BERT Encoder

The BERT Encoder block implements the BERT—​Bidirectional Encoder Representations from Transformers—​network in its base size, as published in BERT: Pre-training of Deep Bidirectional Transformers for Language Understanding.

BERT pushes the state of the art in Natural Language Processing by combining two powerful technologies:

  • It is based on a deep Transformer encoder network, a type of network that can process long texts efficiently by using attention.

  • It is bidirectional, meaning that it uses the whole text passage to understand the meaning of each word.

What’s more, the original authors have released pre-trained weights, so that you can use it with minimal training work.

Using the BERT Encoder

The BERT Encoder block is initialized with random weights, and takes a long time and requires a lot of data to train. Build your model from the BERT English uncased snippet instead to benefit from a pre-trained BERT Encoder block, which can be fine-tuned much more easily.


The input must be a vector of integers, which is produced by encoding a textual feature as Text (beta). Pre-trained weights for the BERT Encoder block are only available for the Language model English BERT uncased, but other language models may be used.

Set the Vocabulary size block parameter to the largest possible input value, which is the number of known tokens for a given language model.

The BERT Encoder block accepts any input size from 3 to 512. Smaller inputs compute faster than longer ones (although they can contain less information).

Currently, you can only give a single text passage to the BERT Encoder block. While this is sufficient for many natural language tasks, this means that applications requiring pairs of text, illustrated in the original publication, are limited on the platform.
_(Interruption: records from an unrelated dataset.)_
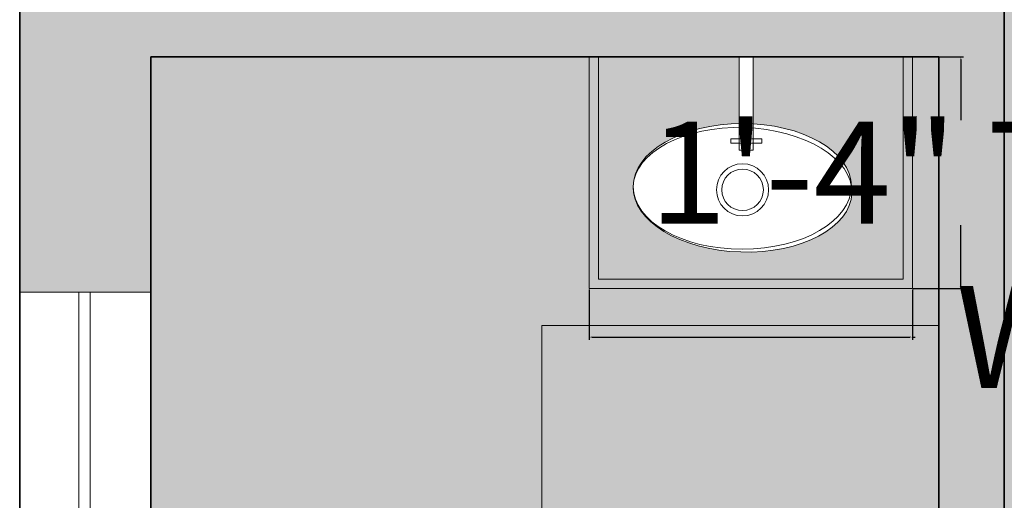
# Model space of a CAD drawing. Units: inches. Extents: x 1316 to 1777, y 813 to 1650.
# Tile 6 of 22: x 1377 to 1445, y 1335 to 1368. Entities that reach past the tile are written whole.
import ezdxf

# ---------------------------------------------------------------- set-up
doc = ezdxf.new("R2010")
doc.units = ezdxf.units.IN
doc.header["$MEASUREMENT"] = 0
for name, color, linetype, lineweight in [('A-ANNO-DIMS', 2, 'Continuous', 18), ('A-FLOR-CASE', 23, 'Continuous', 18), ('A-FLOR-CASE-PATT', 252, 'Continuous', 13), ('A-FLOR-FIXT', 8, 'Continuous', 18), ('A-FLOR-FIXT-PATT', 23, 'Continuous', 13), ('A-WALL-PATT', 250, 'Continuous', 13), ('walls', 250, 'Continuous', 35), ('windows', 141, 'Continuous', 18)]:
    doc.layers.add(name, color=color, linetype=linetype, lineweight=lineweight)
doc.layers.add('A-FLOR-PATT', color=254, linetype='Continuous', lineweight=13, true_color=0xfeeab9)
doc.styles.get("Standard").update_dxf_attribs({"font": 'arial.ttf'})
doc.dimstyles.get("Standard").update_dxf_attribs({"dimtxt": 7, "dimasz": 0.18, "dimexe": 0.18, "dimexo": 0.0625, "dimgap": 0.09, "dimtad": 0, "dimtih": 1, "dimtoh": 1, "dimzin": 0, "dimdsep": 46, "dimlunit": 3, "dimtxsty": 'Standard', "dimcen": 0.09, "dimadec": 0, "dimazin": 0, "dimtfac": 1, "dimtofl": 0, "dimtmove": 0, "dimatfit": 3, "dimfxl": 1, "dimtolj": 1, "dimtzin": 0, "dimarcsym": 0})

# ---------------------------------------------------------------- blocks, each defined once
blk = doc.blocks.new('BASIN-WALL-MOUNT')
for p, q in [((1.14249530725e-05, 15.91430092696169), (1.14249530725e-05, 0.0001979362143629)), ((0.6273383677073526, 15.91430092696169), (0.6273383677073526, 0.658722965959214)), ((10.28959255677932, 9.494232840090262), (10.28959255677932, 15.91430092696191)), ((11.23449039203865, 9.494232840090262), (11.23449039203865, 15.91430092696191)), ((21.53012297768464, 0.658722965959214), (21.53012297768464, 15.91430092696169)), ((22.15516133140068, 0.0001979362143629), (22.15516133140068, 15.91430092696191)), ((9.712388442003657, 10.28665921264746), (11.83648863631629, 10.28665921264746)), ((9.71238844200343, 9.99122808939319), (9.712388442003657, 10.28665921264746)), ((11.83648863631629, 10.28665921264746), (11.83648863631629, 9.99122808939319)), ((11.83648863631629, 9.99122808939319), (9.71238844200343, 9.99122808939319)), ((10.28959255677932, 9.494232840090262), (11.23449039203865, 9.494232840090262)), ((1.14249530725e-05, 0.0001979362143629), (22.15516133140068, 0.0001979362143629)), ((0.6273383677073526, 0.658722965959214), (21.53012297768464, 0.658722965959214))]:
    blk.add_line(p, q)
for radius in [1.786721855987963, 1.786721855987973, 1.426627914243592, 1.426627914243628, 1.42662769250472, 1.426627377330596]:
    blk.add_circle((10.51220414605791, 6.779323088421051), radius)
blk.add_ellipse((10.49584697256341, 7.01803233833516), major_axis=(-7.480193534640648, -0.0164125256646912), ratio=0.5765346257282574)
blk = doc.blocks.new('*D36')
at = {"layer": 'A-ANNO-DIMS', "color": 0, "lineweight": -2, "transparency": 16777216}
for p, q in [((1416.108011424953, 1349.392697936214), (1416.108011424953, 1345.951925450247)), ((1438.2631613314, 1349.392697936214), (1438.2631613314, 1345.951925450247)), ((1416.288011424953, 1346.131925450247), (1438.0831613314, 1346.131925450247)), ((1438.2631613314, 1346.131925450247), (1438.443161331401, 1346.131925450247))]:
    blk.add_line(p, q, dxfattribs=at)
at = {"layer": 'A-ANNO-DIMS', "color": 0, "transparency": 16777216}
for points in [[(1416.288011424953, 1346.161925450247), (1416.288011424953, 1346.101925450247), (1416.108011424953, 1346.131925450247)], [(1438.0831613314, 1346.161925450247), (1438.0831613314, 1346.101925450247), (1438.2631613314, 1346.131925450247)]]:
    blk.add_solid(points, dxfattribs=at)
at = {"layer": 'Defpoints', "color": 0, "transparency": 16777216}
for p in [(1416.108011424953, 1349.455197936214), (1438.2631613314, 1349.455197936214), (1438.2631613314, 1346.131925450247)]:
    blk.add_point(p, dxfattribs=at)
at = {"layer": 'A-ANNO-DIMS', "color": 0, "transparency": 16777216, "insert": (1493.434934864825, 1346.131925450247), "char_height": 7, "attachment_point": 5}
blk.add_mtext('\\A1;WALL BASIN 1\'-10" TYP.', dxfattribs=at)
blk = doc.blocks.new('*D37')
at = {"layer": 'A-ANNO-DIMS', "color": 0, "lineweight": -2, "transparency": 16777216}
for p, q in [((1438.325661331401, 1365.369300926962), (1441.766433817369, 1365.369300926962)), ((1441.586433817368, 1365.189300926962), (1441.586433817368, 1361.018961573471)), ((1441.586433817368, 1349.635197936215), (1441.586433817368, 1353.805537289705)), ((1438.325661331401, 1349.455197936215), (1441.766433817369, 1349.455197936215))]:
    blk.add_line(p, q, dxfattribs=at)
at = {"layer": 'A-ANNO-DIMS', "color": 0, "transparency": 16777216}
for points in [[(1441.556433817369, 1365.189300926962), (1441.616433817368, 1365.189300926962), (1441.586433817368, 1365.369300926962)], [(1441.556433817369, 1349.635197936215), (1441.616433817368, 1349.635197936215), (1441.586433817368, 1349.455197936215)]]:
    blk.add_solid(points, dxfattribs=at)
at = {"layer": 'Defpoints', "color": 0, "transparency": 16777216}
for p in [(1438.263161331401, 1365.369300926962), (1441.586433817368, 1365.369300926962), (1438.263161331401, 1349.455197936215)]:
    blk.add_point(p, dxfattribs=at)
at = {"layer": 'A-ANNO-DIMS', "color": 0, "transparency": 16777216, "insert": (1441.586433817368, 1357.412249431588), "char_height": 7, "attachment_point": 5}
blk.add_mtext('\\A1;1\'-4" TYP.', dxfattribs=at)

msp = doc.modelspace()

# ---------------------------------------------------------------- hatches: boundary and pattern name
at = {"layer": 'A-FLOR-CASE-PATT'}
h = msp.add_hatch(color=256, dxfattribs=at)
h.dxf.hatch_style = 1
h.paths.add_polyline_path([(1412.858226839809, 1346.928610372446), (1440.064450217018, 1346.928610372446), (1440.064450217018, 1365.369300926962), (1438.2631613314, 1365.369300926962), (1438.2631613314, 1349.455197936214), (1416.108011424953, 1349.455197936214), (1416.108011424953, 1365.369300926962), (1386.064450217018, 1365.369300926962), (1386.064450217018, 1245.369300926962), (1412.858226839809, 1245.369300926962)])
h.paths.add_polyline_path([(1409.310422891292, 1332.514765372921, -0.4142135623730951), (1410.210422891292, 1331.614765372921), (1410.210422891292, 1311.814765372921, -0.414213562373094), (1409.310422891292, 1310.914765372921), (1389.51042289129, 1310.914765372921, -0.4142135623730959), (1388.61042289129, 1311.814765372921), (1388.61042289129, 1331.614765372921, -0.4142135623730951), (1389.51042289129, 1332.514765372921)], flags=16)
h.paths.add_polyline_path([(1395.986900854525, 1329.42133126595), (1396.276368249055, 1329.76630507332, -0.0171905986958355), (1396.448908786205, 1329.621893017294), (1396.159470211814, 1329.276953556429, -0.2116405901053515), (1397.086205654243, 1327.18561240685, -0.2564460938474173), (1395.778569555149, 1324.8037474367), (1396.003749512095, 1324.413724310425, -0.0171906504505625), (1395.809203446643, 1324.300687980197), (1395.584072921188, 1324.69062548862, -0.550570801787435), (1391.442799396982, 1327.059740487748), (1390.992413104956, 1327.059740487748, -0.0171907290098312), (1390.991493340996, 1327.284740487748), (1391.441732803486, 1327.284740487748, -0.6105283005508269)], flags=0)
h.paths.add_polyline_path([(1395.838098786515, 1327.18561240685, -1), (1392.688098786514, 1327.18561240685, -1)], flags=0)
h.paths.add_polyline_path([(1394.263098786514, 1328.310612406851, -1), (1394.263098786514, 1326.06061240685, -1)], flags=0)
h.paths.add_polyline_path([(1394.263098786514, 1327.973112406851, -1), (1394.263098786514, 1326.39811240685, -1)], flags=0)
h.paths.add_polyline_path([(1407.468247061996, 1327.18561240685, -0.9779444631718501), (1401.824840804736, 1327.059740487748), (1401.37445451271, 1327.059740487748, -0.0171907290098312), (1401.373534748749, 1327.284740487748), (1401.823774211239, 1327.284740487748, -0.9825922263687022)], flags=0)
h.paths.add_polyline_path([(1406.220140194268, 1327.18561240685, -1), (1403.070140194268, 1327.18561240685, -1)], flags=0)
h.paths.add_polyline_path([(1404.645140194268, 1328.310612406851, -1), (1404.645140194268, 1326.06061240685, -1)], flags=0)
h.paths.add_polyline_path([(1404.645140194268, 1327.973112406851, -1), (1404.645140194268, 1326.39811240685, -1)], flags=0)
h.paths.add_polyline_path([(1400.91382896134, 1321.714765372921, -1), (1397.907016821244, 1321.714765372921, -1)], flags=0)
h.paths.add_polyline_path([(1396.101714535222, 1318.885415367262), (1396.391181929752, 1319.230389174631, -0.0171905986957908), (1396.563722466901, 1319.085977118605), (1396.274283892511, 1318.74103765774, -0.2116405901053402), (1397.201019334939, 1316.649696508162, -0.2564460938474829), (1395.893383235845, 1314.267831538011), (1396.11856319279, 1313.877808411735, -0.0171906504505387), (1395.924017127339, 1313.764772081509), (1395.698886601884, 1314.154709589932, -0.5505708017872751), (1391.557613077679, 1316.523824589059), (1391.107226785653, 1316.523824589059, -0.0171907290098486), (1391.106307021692, 1316.748824589059), (1391.556546484182, 1316.748824589059, -0.6105283005510082)], flags=0)
h.paths.add_polyline_path([(1395.952912467211, 1316.649696508162, -1), (1392.802912467211, 1316.649696508162, -1)], flags=0)
h.paths.add_polyline_path([(1407.468247061996, 1316.611253873528, -0.9779444631716472), (1401.824840804736, 1316.485381954425), (1401.37445451271, 1316.485381954425, -0.0171907290098486), (1401.373534748749, 1316.710381954425), (1401.823774211239, 1316.710381954425, -0.9825922263688615)], flags=0)
h.paths.add_polyline_path([(1394.377912467211, 1317.774696508162, -0.9999999703822144), (1394.377912467211, 1315.524696508162, -0.9999999703822144)], flags=0)
h.paths.add_polyline_path([(1394.377912467211, 1317.437196508162, -1), (1394.377912467211, 1315.862196508162, -1)], flags=0)
h.paths.add_polyline_path([(1406.220140194268, 1316.611253873528, -1), (1403.070140194268, 1316.611253873528, -1)], flags=0)
h.paths.add_polyline_path([(1404.645140194268, 1315.486253873528, -0.9999999703822144), (1404.645140194268, 1317.736253873528, -0.9999999703822144)], flags=0)
h.paths.add_polyline_path([(1404.645140194268, 1317.398753873528, -1), (1404.645140194268, 1315.823753873528, -1)], flags=0)
h.paths.add_polyline_path([(1409.338253781963, 1302.100142632137, -0.4142135623730951), (1410.838253781963, 1300.600142632137), (1410.838253781963, 1270.600142632137, -0.4142135623730951), (1409.338253781963, 1269.100142632137), (1390.338253781963, 1269.100142632137, -0.4142135623730951), (1388.838253781963, 1270.600142632137), (1388.838253781963, 1300.600142632137, -0.4142135623730951), (1390.338253781963, 1302.100142632137)], flags=16)
h.paths.add_polyline_path([(1395.838253781963, 1300.600142632137), (1406.338253781963, 1300.600142632137, -0.4142135623730951), (1409.338253781963, 1297.600142632137), (1409.338253781963, 1289.600142632137, -0.4142135623730951), (1406.338253781963, 1286.600142632137), (1395.838253781963, 1286.600142632137, -0.4142135623730951), (1392.838253781963, 1289.600142632137), (1392.838253781963, 1297.600142632137, -0.4142135623730951)], flags=0)
h.paths.add_polyline_path([(1400.088253781963, 1293.350142632137, -1), (1397.588253781963, 1293.350142632137, -1)], flags=0)
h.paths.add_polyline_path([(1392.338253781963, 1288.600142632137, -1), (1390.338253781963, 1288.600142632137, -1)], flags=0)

The BERT Encoder output is a single vector of size 768, which contains information about the input sequence as a whole.

Although the BERT Encoder calculates internal vectors for each value of the input sequence, these vectors are currently not returned by the BERT Encoder block.

BERT Structure

The BERT block implements the base version of the BERT network. It is composed of 12 encoding layers from a Transformer network, each layer having 12 attention heads.
The total number of parameters is 110 million.


Vocabulary size: The largest input value that the BERT Encoder block can recognize.
Use the amount of known tokens in the language model used to encode the input feature.